I am a big fan of live shows in general.  Musicals, plays, concerts … I’m into all of it.  There are several Broadway shows whose soundtracks I know by heart.  Les Miserables.  Chorus Line.  Aida.  Dear Evan Hansen.  Rent.

I also know all the lyrics to Hamilton.  I mean, as much as is reasonable to expect.  It’s a VERY wordy show.  I don’t want to call it verbose because that implies that some of the words aren’t necessary.  I wouldn’t get rid of any of them.

Singing along with show tunes is usually something I do when I’m alone in the car.  It’s not really the coolest thing to do (apparently) and people can be judgy.  Not that I care what people think but I can’t exactly dive into my most emo self during ‘On My Own (Les Mis) the way I want to while someone is in the room rolling their eyes or putting their fingers in the ears.  I also cannot belt out ‘Tits & Ass (Chorus Line) while my children are in the back seat for obvious reasons.

*Side note* – One of the people who judge my love of show tunes is a fan of techno music so there goes all her credibility. 🙂

 

So anyway, in school, Ace was introduced to Hamilton.  He came home singing the opening song.  It’s kind of a Cliff Notes version of Alexanders life.  It made me happy.  It made Shaunie roll her eyes even further back into her head and stick her fingers even further down inside her ears.

 

I think it’s great that schools are using the show to get kids interested in learning history.  We all know that history class has a reputation for being boring – But it doesn’t have to be.

In drama class they also use it.  The kids were broken into groups and given a part of the show to recreate.  Ace got the role of Philip Hamilton at the time of his duel.  I gave him some back story and then we had fun imagining how Philip would be feeling in that situation and then practicing how it would play out.  So much better than math homework.

 

I’ve said a lot so far without actually saying much of anything.  Talk about burying the lede.  OK, here’s my concern:

Ace has taken that inch he got at school and gone the whole mile with Hamilton.  He is now interested in knowing all the songs.  He’s only 11 and the show does cover some adult-ish topics and includes some adult language which I don’t know if I’m comfortable with him singing about/along with.

 

But is one little “shit” the worst thing if he’s also learning the meaning of words like anarchy and intransigent and unimpeachable and deniability and civility and quagmire and abrasive and reticent?

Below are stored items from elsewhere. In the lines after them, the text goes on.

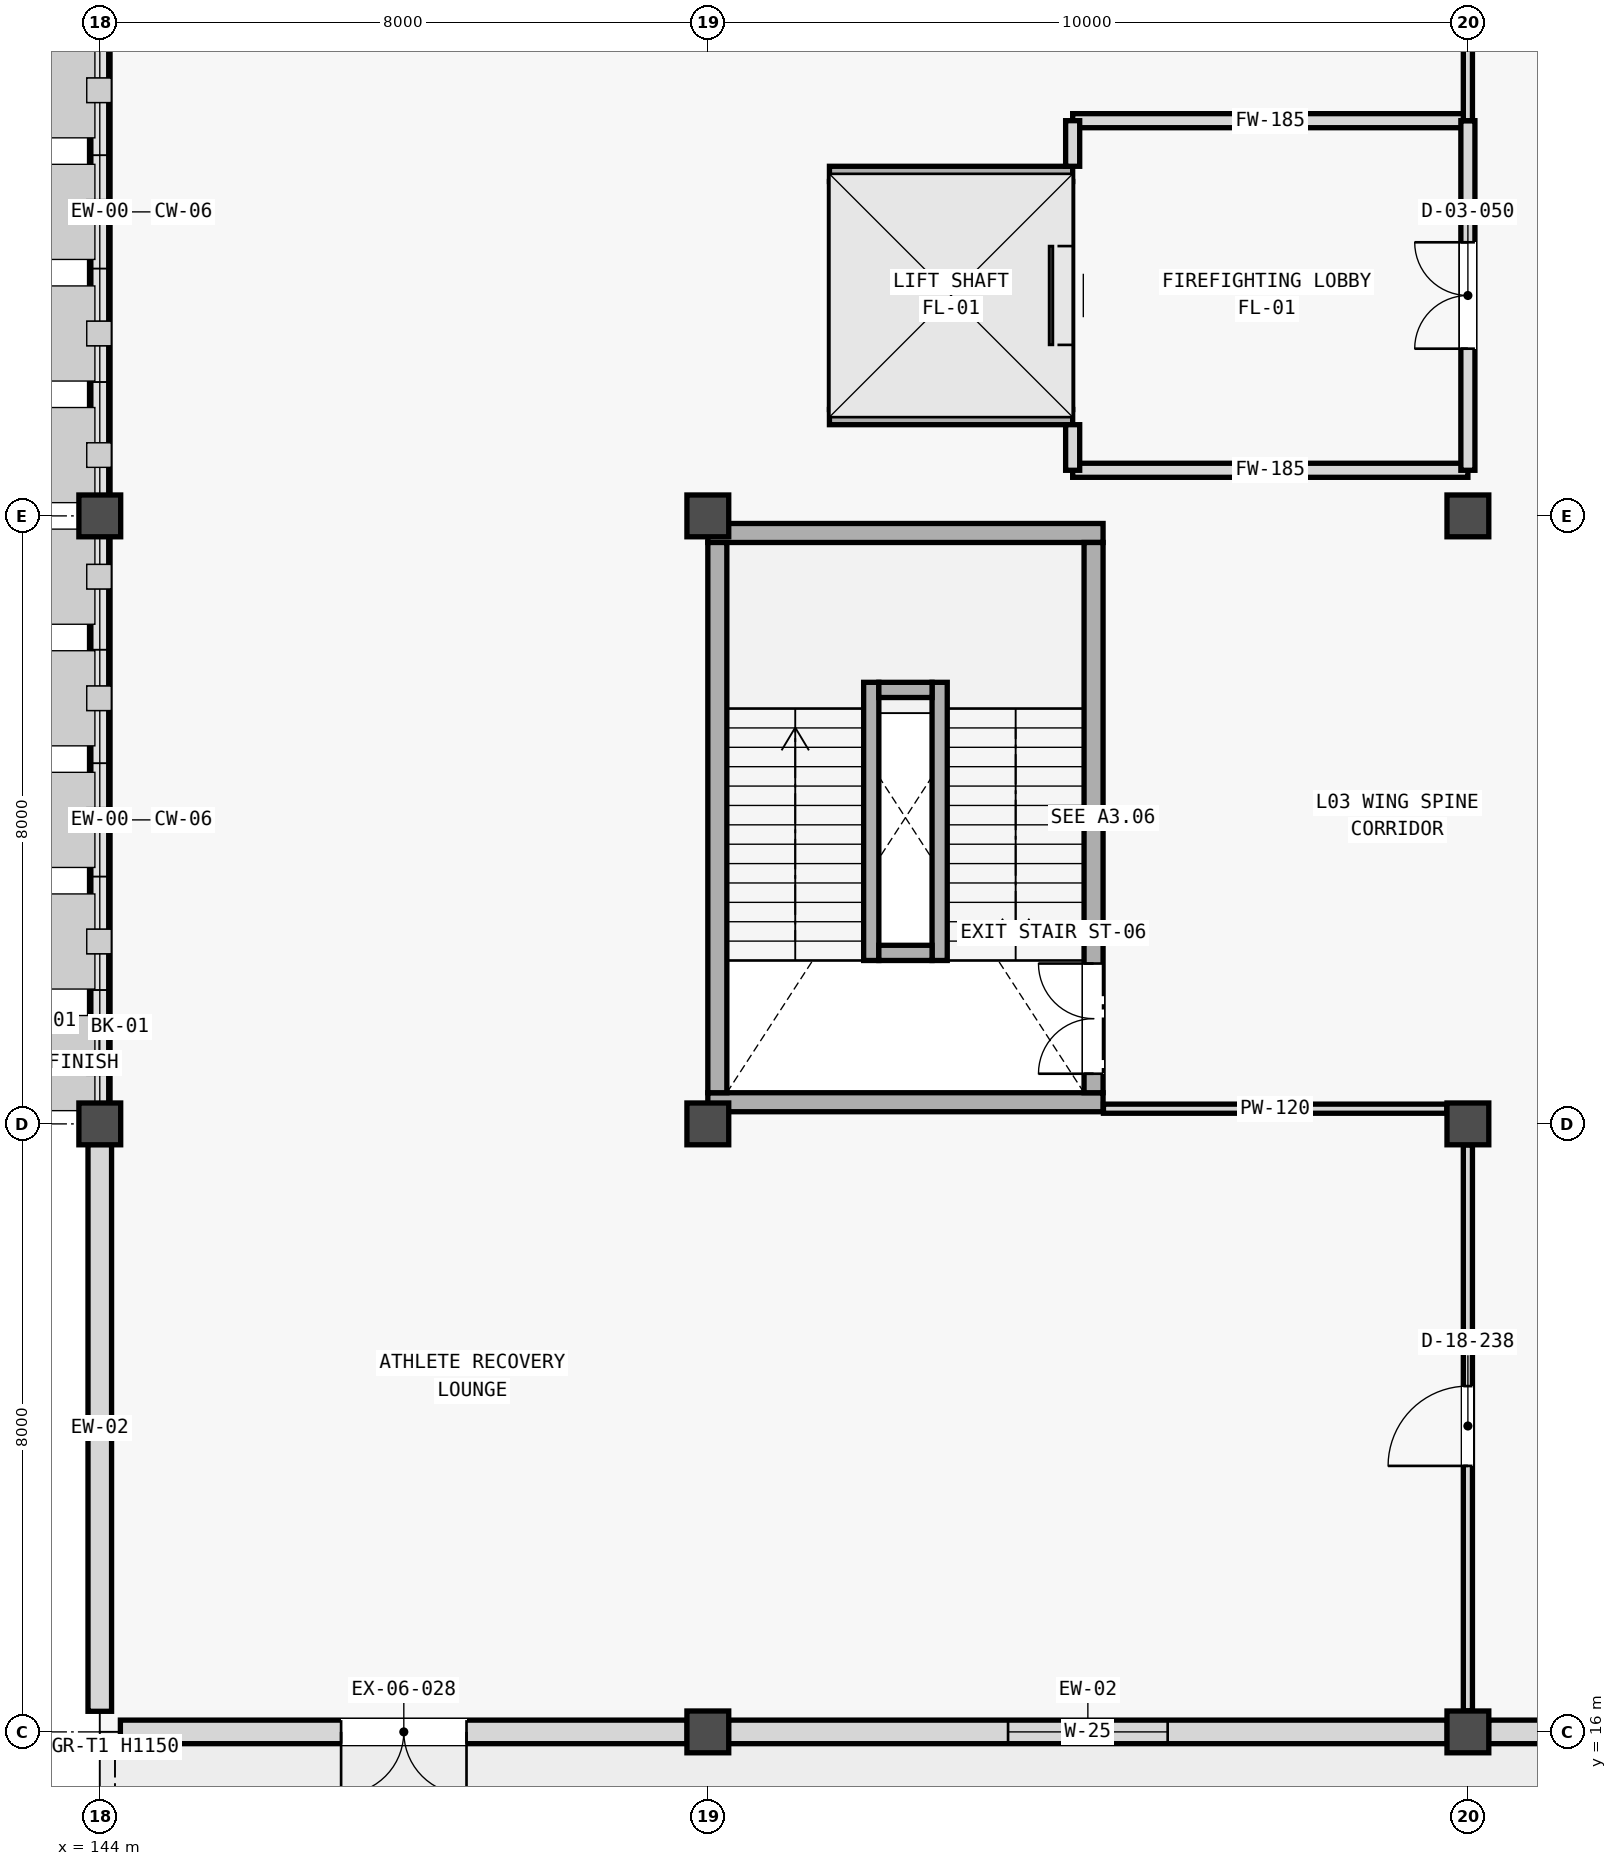
"""IFC4 building model, lengths in metres.
Left out: names, types, materials, properties, quantities, classifications, styles, units other than length and angle.
Written with IfcOpenShell. Run it as: python <this file> out.ifc"""

import sys

from ifc_helpers import new_model, si_unit, direction, frame, frame_2d, origin, origin_2d, place, context, subcontext, project, spatial, rectangle, extrude, element, fill, save


model = new_model("IFC4")
c1 = context("Model", 3, precision=1e-05, world=origin(), true_north=direction((0.0, 1.0)))
c2 = subcontext(c1, "Body", "Model", "MODEL_VIEW")
j1 = project(units=[si_unit("LENGTHUNIT", "METRE"), si_unit("PLANEANGLEUNIT", "RADIAN")], contexts=[c1])
p1 = place(None, origin())
s1 = spatial("IfcSite", under=j1, at=p1, CompositionType="ELEMENT")
p2 = place(p1, origin())
s2 = spatial("IfcBuilding", under=s1, at=p2, CompositionType="ELEMENT")
p3 = place(p2, frame((0.0, 0.0, 14.4)))
s3 = spatial("IfcBuildingStorey", under=s2, at=p3, CompositionType="ELEMENT", Elevation=14.4)
for number, where, z_axis, x_axis in (
    (1, (152.0, 16.0, 0.0), (0.0, 0.0, 1.0), (1.0, 0.0, 0.0)),
    (2, (162.0, 16.0, 0.0), (0.0, 0.0, 1.0), (1.0, 0.0, 0.0)),
):
    element("IfcColumn", number, at=place(p3, frame(where, z_axis=z_axis, x_axis=x_axis)), inside=s3, PredefinedType="COLUMN", context=c2, shape_type="SweptSolid", body=[
        extrude(rectangle(XDim=0.55, YDim=0.55, at=origin_2d()), origin(), (0.0, 0.0, 1.0), 3.985),
    ])
for number, where, z_axis, x_axis in (
    (3, (152.0, 24.0, 0.0), (0.0, 0.0, 1.0), (1.0, 0.0, 0.0)),
    (4, (162.0, 24.0, 0.0), (0.0, 0.0, 1.0), (1.0, 0.0, 0.0)),
):
    element("IfcColumn", number, at=place(p3, frame(where, z_axis=z_axis, x_axis=x_axis)), inside=s3, PredefinedType="COLUMN", context=c2, shape_type="SweptSolid", body=[
        extrude(rectangle(XDim=0.55, YDim=0.55, at=origin_2d()), origin(), (0.0, 0.0, 1.0), 3.975),
    ])
p4 = place(p3, frame((144.0, 32.0, 0.0), z_axis=(0.0, 0.0, 1.0), x_axis=(1.0, 0.0, 0.0)))
e5 = element("IfcColumn", 5, at=p4, inside=s3, PredefinedType="COLUMN", context=c2, shape_type="SweptSolid", body=[
    extrude(rectangle(XDim=0.55, YDim=0.55, at=origin_2d()), origin(), (0.0, 0.0, 1.0), 3.99),
])
for number, where, z_axis, x_axis in (
    (6, (152.0, 32.0, 0.0), (0.0, 0.0, 1.0), (1.0, 0.0, 0.0)),
    (7, (162.0, 32.0, 0.0), (0.0, 0.0, 1.0), (1.0, 0.0, 0.0)),
):
    element("IfcColumn", number, at=place(p3, frame(where, z_axis=z_axis, x_axis=x_axis)), inside=s3, PredefinedType="COLUMN", context=c2, shape_type="SweptSolid", body=[
        extrude(rectangle(XDim=0.55, YDim=0.55, at=origin_2d()), origin(), (0.0, 0.0, 1.0), 3.975),
    ])
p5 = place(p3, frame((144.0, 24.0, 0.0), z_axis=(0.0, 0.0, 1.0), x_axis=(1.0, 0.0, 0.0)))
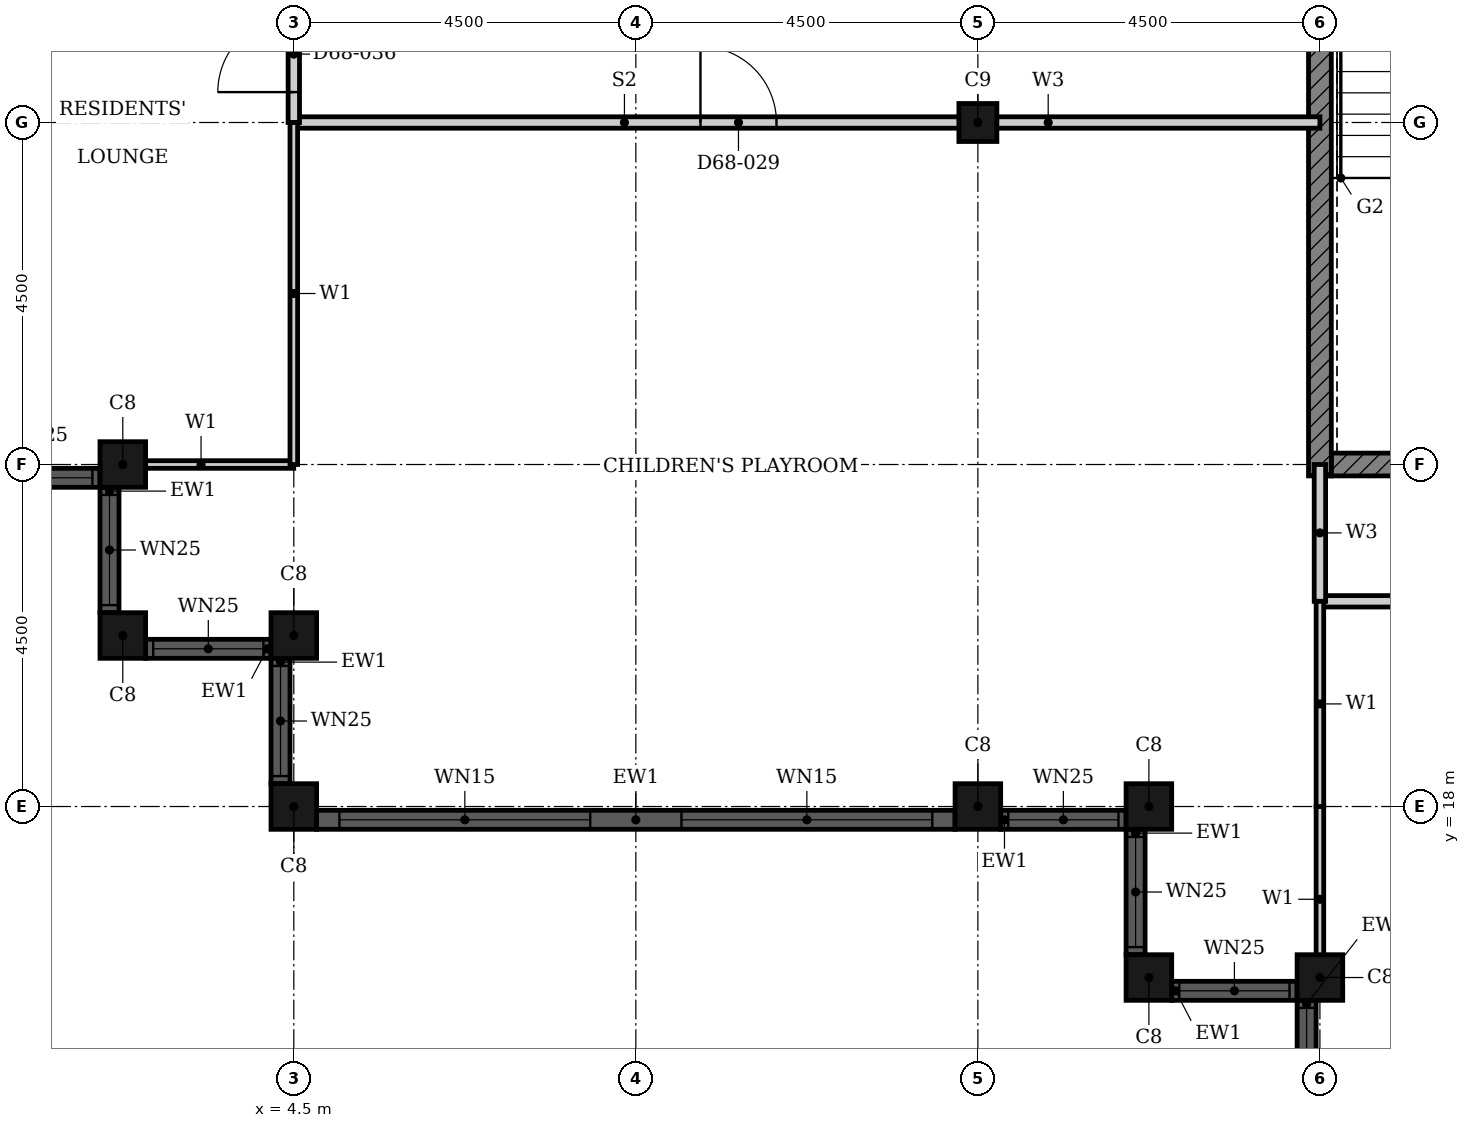
"""IFC4 building model, lengths in metres.
Left out: names, types, materials, properties, quantities, classifications, styles, units other than length and angle.
Written with IfcOpenShell. Run it as: python <this file> out.ifc"""

import sys

from ifc_helpers import new_model, si_unit, direction, frame, frame_2d, origin, origin_2d, place, context, subcontext, project, spatial, rectangle, hollow_rectangle, extrude, element, fill, save


model = new_model("IFC4")
c1 = context("Model", 3, precision=1e-05, world=origin(), true_north=direction((0.0, 1.0)))
c2 = subcontext(c1, "Body", "Model", "MODEL_VIEW")
j1 = project(units=[si_unit("LENGTHUNIT", "METRE"), si_unit("PLANEANGLEUNIT", "RADIAN")], contexts=[c1])
p1 = place(None, origin())
s1 = spatial("IfcSite", under=j1, at=p1, CompositionType="ELEMENT")
p2 = place(p1, origin())
s2 = spatial("IfcBuilding", under=s1, at=p2, CompositionType="ELEMENT")
p3 = place(p2, frame((0.0, 0.0, 267.5)))
s3 = spatial("IfcBuildingStorey", under=s2, at=p3, CompositionType="ELEMENT", Elevation=267.5)
for number, where, z_axis, x_axis in (
    (1, (15.75, 18.0, 0.0), (0.0, 0.0, 1.0), (1.0, 0.0, 0.0)),
    (2, (15.75, 15.75, 0.0), (0.0, 0.0, 1.0), (1.0, 0.0, 0.0)),
    (3, (18.0, 15.75, 0.0), (0.0, 0.0, 1.0), (1.0, 0.0, 0.0)),
    (4, (2.25, 22.5, 0.0), (0.0, 0.0, 1.0), (1.0, 0.0, 0.0)),
    (5, (2.25, 20.25, 0.0), (0.0, 0.0, 1.0), (1.0, 0.0, 0.0)),
    (6, (4.5, 20.25, 0.0), (0.0, 0.0, 1.0), (1.0, 0.0, 0.0)),
    (7, (4.5, 18.0, 0.0), (0.0, 0.0, 1.0), (1.0, 0.0, 0.0)),
    (8, (13.5, 18.0, 0.0), (0.0, 0.0, 1.0), (1.0, 0.0, 0.0)),
):
    element("IfcColumn", number, at=place(p3, frame(where, z_axis=z_axis, x_axis=x_axis)), inside=s3, PredefinedType="COLUMN", context=c2, shape_type="SweptSolid", body=[
        extrude(hollow_rectangle(XDim=0.6, YDim=0.6, WallThickness=0.02, at=origin_2d()), origin(), (0.0, 0.0, 1.0), 3.7),
    ])
p4 = place(p3, frame((13.5, 27.0, 0.0), z_axis=(0.0, 0.0, 1.0), x_axis=(1.0, 0.0, 0.0)))
e9 = element("IfcColumn", 9, at=p4, inside=s3, PredefinedType="COLUMN", context=c2, shape_type="SweptSolid", body=[
    extrude(hollow_rectangle(XDim=0.5, YDim=0.5, WallThickness=0.016, InnerFilletRadius=0.032, OuterFilletRadius=0.048, at=origin_2d()), origin(), (0.0, 0.0, 1.0), 3.7),
])
p5 = place(p3, frame((15.575, 17.7, 0.0), z_axis=(0.0, 0.0, 1.0), x_axis=(0.0, -1.0, 0.0)))
e10 = element("IfcWall", 10, at=p5, inside=s3, PredefinedType="SOLIDWALL", context=c2, shape_type="SweptSolid", body=[
    extrude(rectangle(XDim=1.65, YDim=0.25, at=frame_2d((0.825, 0.0))), origin(), (0.0, 0.0, 1.0), 3.7),
])
p6 = place(p5, frame((0.1, 0.0, 0.9)))
e11 = element("IfcOpeningElement", 11, at=p6, cuts=e10, PredefinedType="OPENING", context=c2, shape_type="SweptSolid", body=[
    extrude(rectangle(XDim=1.45, YDim=1.85, at=frame_2d((0.725, 0.925))), frame((0.0, 0.135, 0.0), z_axis=(0.0, -1.0, 0.0), x_axis=(1.0, 0.0, 0.0)), (0.0, 0.0, 1.0), 0.27),
])
p7 = place(p3, frame((16.05, 15.575, 0.0), z_axis=(0.0, 0.0, 1.0), x_axis=(1.0, 0.0, 0.0)))
e12 = element("IfcWall", 12, at=p7, inside=s3, PredefinedType="SOLIDWALL", context=c2, shape_type="SweptSolid", body=[
    extrude(rectangle(XDim=1.65, YDim=0.25, at=frame_2d((0.825, 0.0))), origin(), (0.0, 0.0, 1.0), 3.7),
])
p8 = place(p7, frame((0.1, 0.0, 0.9)))
e13 = element("IfcOpeningElement", 13, at=p8, cuts=e12, PredefinedType="OPENING", context=c2, shape_type="SweptSolid", body=[
    extrude(rectangle(XDim=1.45, YDim=1.85, at=frame_2d((0.725, 0.925))), frame((0.0, 0.135, 0.0), z_axis=(0.0, -1.0, 0.0), x_axis=(1.0, 0.0, 0.0)), (0.0, 0.0, 1.0), 0.27),
])
p9 = place(p3, frame((17.825, 15.45, 0.0), z_axis=(0.0, 0.0, 1.0), x_axis=(0.0, -1.0, 0.0)))
e14 = element("IfcWall", 14, at=p9, inside=s3, PredefinedType="SOLIDWALL", context=c2, shape_type="SweptSolid", body=[
    extrude(rectangle(XDim=1.65, YDim=0.25, at=frame_2d((0.825, 0.0))), origin(), (0.0, 0.0, 1.0), 3.7),
])
p10 = place(p9, frame((0.1, 0.0, 0.9)))
e15 = element("IfcOpeningElement", 15, at=p10, cuts=e14, PredefinedType="OPENING", context=c2, shape_type="SweptSolid", body=[
    extrude(rectangle(XDim=1.45, YDim=1.85, at=frame_2d((0.725, 0.925))), frame((0.0, 0.135, 0.0), z_axis=(0.0, -1.0, 0.0), x_axis=(1.0, 0.0, 0.0)), (0.0, 0.0, 1.0), 0.27),
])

Is a fairly mild wading into the topic of adultery so bad for him to be exposed to, if, because of this show, he’s also curious about other historical figures and events?

Is him singing “pain in the ass” really so bad if it means we are doing a duet?  Me playing the role of all the women and him playing the men in ‘Take A Break’?  It’s quality time and I love having someone to share my love of history and show tunes with.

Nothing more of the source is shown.